Я даже обрадовался перспективе снова войти в Магелланов пролив и вновь пробраться в Тихий океан, чем плавать здесь у внешних берегов Огненной Земли в бурном море, где "Спрей" при одном поставленном и зарифленном стакселе содрогался от киля до клотика. Малейшее пренебрежение к безопасности судна могло бы привести к получению пробоины, но за все время плавания мне ни разу не пришлось прибегать к помощи помпы.
Идя под самым маленьким парусом, который я только мог поставить, "Спрей", подобно рысистой лошади, помчался к берегу. Я стоял у руля и правил так, чтобы "Спрей" не споткнулся ни об один гребень волны, Ночь наступила раньше, чем "Спрей" подошел к берегу. Теперь дорогу надо было искать как бы на ощупь; Перед собой я видел только буруны. Я повернул обратно, чтобы держаться подальше от берега, и тут же услышал рев бурунов по подветренному борту. Меня это озадачило, так как я считал, что здесь не должно быть прибрежного волнения. Тогда я отплыл подальше, снова повернул и вновь очутился среди бурунов. Пришлось опять отвернуть мористее, и весь остаток ночи я провел среди опасностей. Град и снег с дождем хлестали меня всю ночь напролет, и кровь текла по моему рассеченному лицу. Но какое это могло иметь значение!
Снова наступил день, и мое судно находилось посередине белой полосы, проходящей к северо-западу от мыса Горн и представляющей собой белые буруны, кипящие над подводными скалами, которые ночью грозили "Спрею" гибелью.
Остров, на который я держал курс, назывался Фури, и на подходах к нему я увидел такую замечательную панораму, которая заставила меня позабыть о рассеченном лице. Единственное, о чем мне теперь следовало думать, – это поискать проход между опаснейшими бурунами, для чего надо было использовать светлое время дня. Но если "Спрей" избежал подводных скал ночью, то он бесспорно должен найти дорогу днем. Это было самым большим в моей жизни приключением, и одному богу известно, как судну удалось миновать все опасности.
В конце концов "Спрею" удалось найти спокойное место среди группы островков, и тут я влез на мачту, чтобы оглянуться на дикую картину, оставшуюся позади.

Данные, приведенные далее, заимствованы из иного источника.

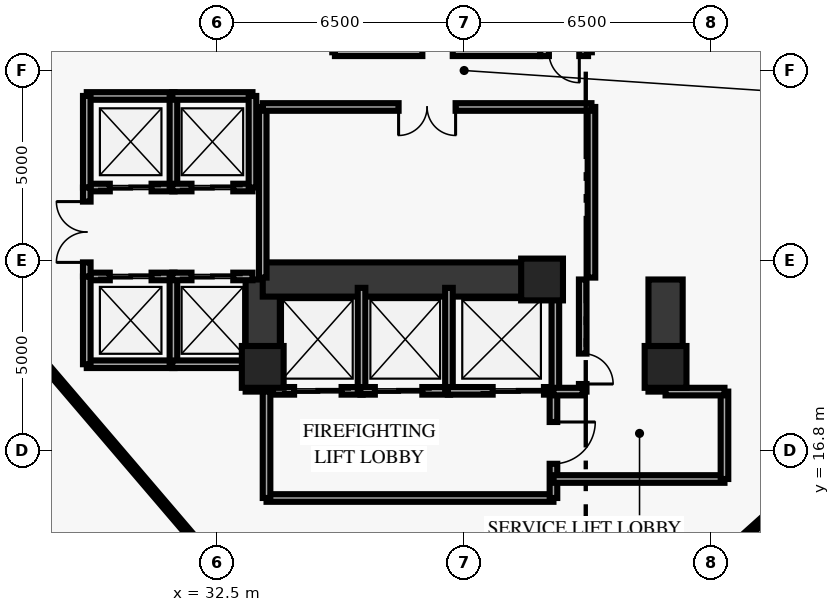
"""IFC4 building model, lengths in metres.
Left out: names, types, materials, properties, quantities, classifications, styles, units other than length and angle.
Written with IfcOpenShell. Run it as: python <this file> out.ifc"""

import sys

from ifc_helpers import new_model, si_unit, direction, frame, frame_2d, origin, origin_2d, place, context, subcontext, project, spatial, rectangle, extrude, element, fill, save


model = new_model("IFC4")
c1 = context("Model", 3, precision=1e-05, world=origin(), true_north=direction((0.0, 1.0)))
c2 = subcontext(c1, "Body", "Model", "MODEL_VIEW")
j1 = project(units=[si_unit("LENGTHUNIT", "METRE"), si_unit("PLANEANGLEUNIT", "RADIAN")], contexts=[c1])
p1 = place(None, origin())
s1 = spatial("IfcSite", under=j1, at=p1, CompositionType="ELEMENT")
p2 = place(p1, origin())
s2 = spatial("IfcBuilding", under=s1, at=p2, CompositionType="ELEMENT")
p3 = place(p2, frame((0.0, 0.0, -9.0)))
s3 = spatial("IfcBuildingStorey", under=s2, at=p3, CompositionType="ELEMENT", Elevation=-9.0)
for number, where, z_axis, x_axis in (
    (1, (33.7, 19.0, 0.0), (0.0, 0.0, 1.0), (1.0, 0.0, 0.0)),
    (2, (41.05, 21.3, 0.0), (0.0, 0.0, 1.0), (1.0, 0.0, 0.0)),
    (3, (44.3, 19.0, 0.0), (0.0, 0.0, 1.0), (1.0, 0.0, 0.0)),
):
    element("IfcColumn", number, at=place(p3, frame(where, z_axis=z_axis, x_axis=x_axis)), inside=s3, PredefinedType="PILASTER", context=c2, shape_type="SweptSolid", body=[
        extrude(rectangle(XDim=1.1, YDim=1.1, at=origin_2d()), origin(), (0.0, 0.0, 1.0), 4.2),
    ])
for number, where, z_axis, x_axis in (
    (4, (33.7, 18.35, 0.0), (0.0, 0.0, 1.0), (0.0, 1.0, 0.0)),
    (5, (44.3, 18.35, 0.0), (0.0, 0.0, 1.0), (0.0, 1.0, 0.0)),
):
    element("IfcWall", number, at=place(p3, frame(where, z_axis=z_axis, x_axis=x_axis)), inside=s3, PredefinedType="SHEAR", context=c2, shape_type="SweptSolid", body=[
        extrude(rectangle(XDim=2.95, YDim=0.9, at=frame_2d((1.475, 0.0))), origin(), (0.0, 0.0, 1.0), 4.2),
    ])
p4 = place(p3, frame((33.7, 21.3, 0.0), z_axis=(0.0, 0.0, 1.0), x_axis=(1.0, 0.0, 0.0)))
e6 = element("IfcWall", 6, at=p4, inside=s3, PredefinedType="SHEAR", context=c2, shape_type="SweptSolid", body=[
    extrude(rectangle(XDim=7.55, YDim=0.9, at=frame_2d((3.775, 0.0))), origin(), (0.0, 0.0, 1.0), 4.2),
])
p5 = place(p3, frame((41.0, 27.28, 0.0), z_axis=(0.0, 0.0, 1.0), x_axis=(1.0, 0.0, 0.0)))
e7 = element("IfcWall", 7, at=p5, inside=s3, PredefinedType="SOLIDWALL", context=c2, shape_type="SweptSolid", body=[
    extrude(rectangle(XDim=1.26, YDim=0.2, at=frame_2d((0.63, 0.0))), origin(), (0.0, 0.0, 1.0), 4.2),
])
p6 = place(p5, frame((0.23, 0.0, 0.0)))
e8 = element("IfcOpeningElement", 8, at=p6, cuts=e7, PredefinedType="OPENING", context=c2, shape_type="SweptSolid", body=[
    extrude(rectangle(XDim=0.8, YDim=2.05, at=frame_2d((0.4, 1.025))), frame((0.0, 0.11, 0.0), z_axis=(0.0, -1.0, 0.0), x_axis=(1.0, 0.0, 0.0)), (0.0, 0.0, 1.0), 0.22),
])
p7 = place(p3, frame((29.07, 23.72, 0.0), z_axis=(0.0, 0.0, 1.0), x_axis=(1.0, 0.0, 0.0)))
e9 = element("IfcWall", 9, at=p7, inside=s3, PredefinedType="SOLIDWALL", context=c2, shape_type="SweptSolid", body=[
    extrude(rectangle(XDim=2.31, YDim=0.2, at=frame_2d((1.155, 0.0))), origin(), (0.0, 0.0, 1.0), 4.2),
])
p8 = place(p7, frame((0.605, 0.0, 0.0)))
e10 = element("IfcOpeningElement", 10, at=p8, cuts=e9, PredefinedType="OPENING", context=c2, shape_type="SweptSolid", body=[
    extrude(rectangle(XDim=1.1, YDim=2.15, at=frame_2d((0.55, 1.075))), frame((0.0, 0.11, 0.0), z_axis=(0.0, -1.0, 0.0), x_axis=(1.0, 0.0, 0.0)), (0.0, 0.0, 1.0), 0.22),
])
p9 = place(p3, frame((29.07, 26.13, 0.0), z_axis=(0.0, 0.0, 1.0), x_axis=(1.0, 0.0, 0.0)))
e11 = element("IfcWall", 11, at=p9, inside=s3, PredefinedType="SOLIDWALL", context=c2, shape_type="SweptSolid", body=[
    extrude(rectangle(XDim=2.31, YDim=0.2, at=frame_2d((1.155, 0.0))), origin(), (0.0, 0.0, 1.0), 4.2),
])
for number, where, z_axis, x_axis in (
    (12, (29.07, 23.72, 0.0), (0.0, 0.0, 1.0), (0.0, 1.0, 0.0)),
    (13, (31.35, 23.72, 0.0), (0.0, 0.0, 1.0), (0.0, 1.0, 0.0)),
):
    element("IfcWall", number, at=place(p3, frame(where, z_axis=z_axis, x_axis=x_axis)), inside=s3, PredefinedType="SOLIDWALL", context=c2, shape_type="SweptSolid", body=[
        extrude(rectangle(XDim=2.41, YDim=0.2, at=frame_2d((1.205, 0.0))), origin(), (0.0, 0.0, 1.0), 4.2),
    ])
p10 = place(p3, frame((31.32, 23.72, 0.0), z_axis=(0.0, 0.0, 1.0), x_axis=(1.0, 0.0, 0.0)))
e14 = element("IfcWall", 14, at=p10, inside=s3, PredefinedType="SOLIDWALL", context=c2, shape_type="SweptSolid", body=[
    extrude(rectangle(XDim=2.11, YDim=0.2, at=frame_2d((1.055, 0.0))), origin(), (0.0, 0.0, 1.0), 4.2),
])
p11 = place(p10, frame((0.505, 0.0, 0.0)))
e15 = element("IfcOpeningElement", 15, at=p11, cuts=e14, PredefinedType="OPENING", context=c2, shape_type="SweptSolid", body=[
    extrude(rectangle(XDim=1.1, YDim=2.15, at=frame_2d((0.55, 1.075))), frame((0.0, 0.11, 0.0), z_axis=(0.0, -1.0, 0.0), x_axis=(1.0, 0.0, 0.0)), (0.0, 0.0, 1.0), 0.22),
])
p12 = place(p3, frame((31.32, 26.13, 0.0), z_axis=(0.0, 0.0, 1.0), x_axis=(1.0, 0.0, 0.0)))
e16 = element("IfcWall", 16, at=p12, inside=s3, PredefinedType="SOLIDWALL", context=c2, shape_type="SweptSolid", body=[
    extrude(rectangle(XDim=2.11, YDim=0.2, at=frame_2d((1.055, 0.0))), origin(), (0.0, 0.0, 1.0), 4.2),
])
p13 = place(p3, frame((33.43, 23.72, 0.0), z_axis=(0.0, 0.0, 1.0), x_axis=(0.0, 1.0, 0.0)))
e17 = element("IfcWall", 17, at=p13, inside=s3, PredefinedType="SOLIDWALL", context=c2, shape_type="SweptSolid", body=[
    extrude(rectangle(XDim=2.41, YDim=0.2, at=frame_2d((1.205, 0.0))), origin(), (0.0, 0.0, 1.0), 4.2),
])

Великий натуралист Дарвин, посмотрев на этот морской пейзаж с палубы "Бигля", написал в своем дневнике: "Всякого сухопутного человека, увидевшего "Млечный Путь", будут неделю мучить кошмары". Он с успехом мог бы добавить, что это относится и к морякам.
Счастье продолжало улыбаться "Спрею". Плывя по лабиринту, между островами, я установил, что "Спрей" идет проливом Кокбурн, который соединяется с Магеллановым проливом как раз напротив мыса Фроуард, и что мы миновали бухту Воров, вполне заслуживающую это название.
В ночь на 8 марта "Спрей" стал на якорь возле Терн в защищенной бухточке. Каждое биение моего сердца выражало благодарность судьбе. Тут я мог поразмыслить о событиях последних дней, но неожиданно меня охватило беспокойство, и только хорошая порция горячего жаркого из оленины придала мне сил.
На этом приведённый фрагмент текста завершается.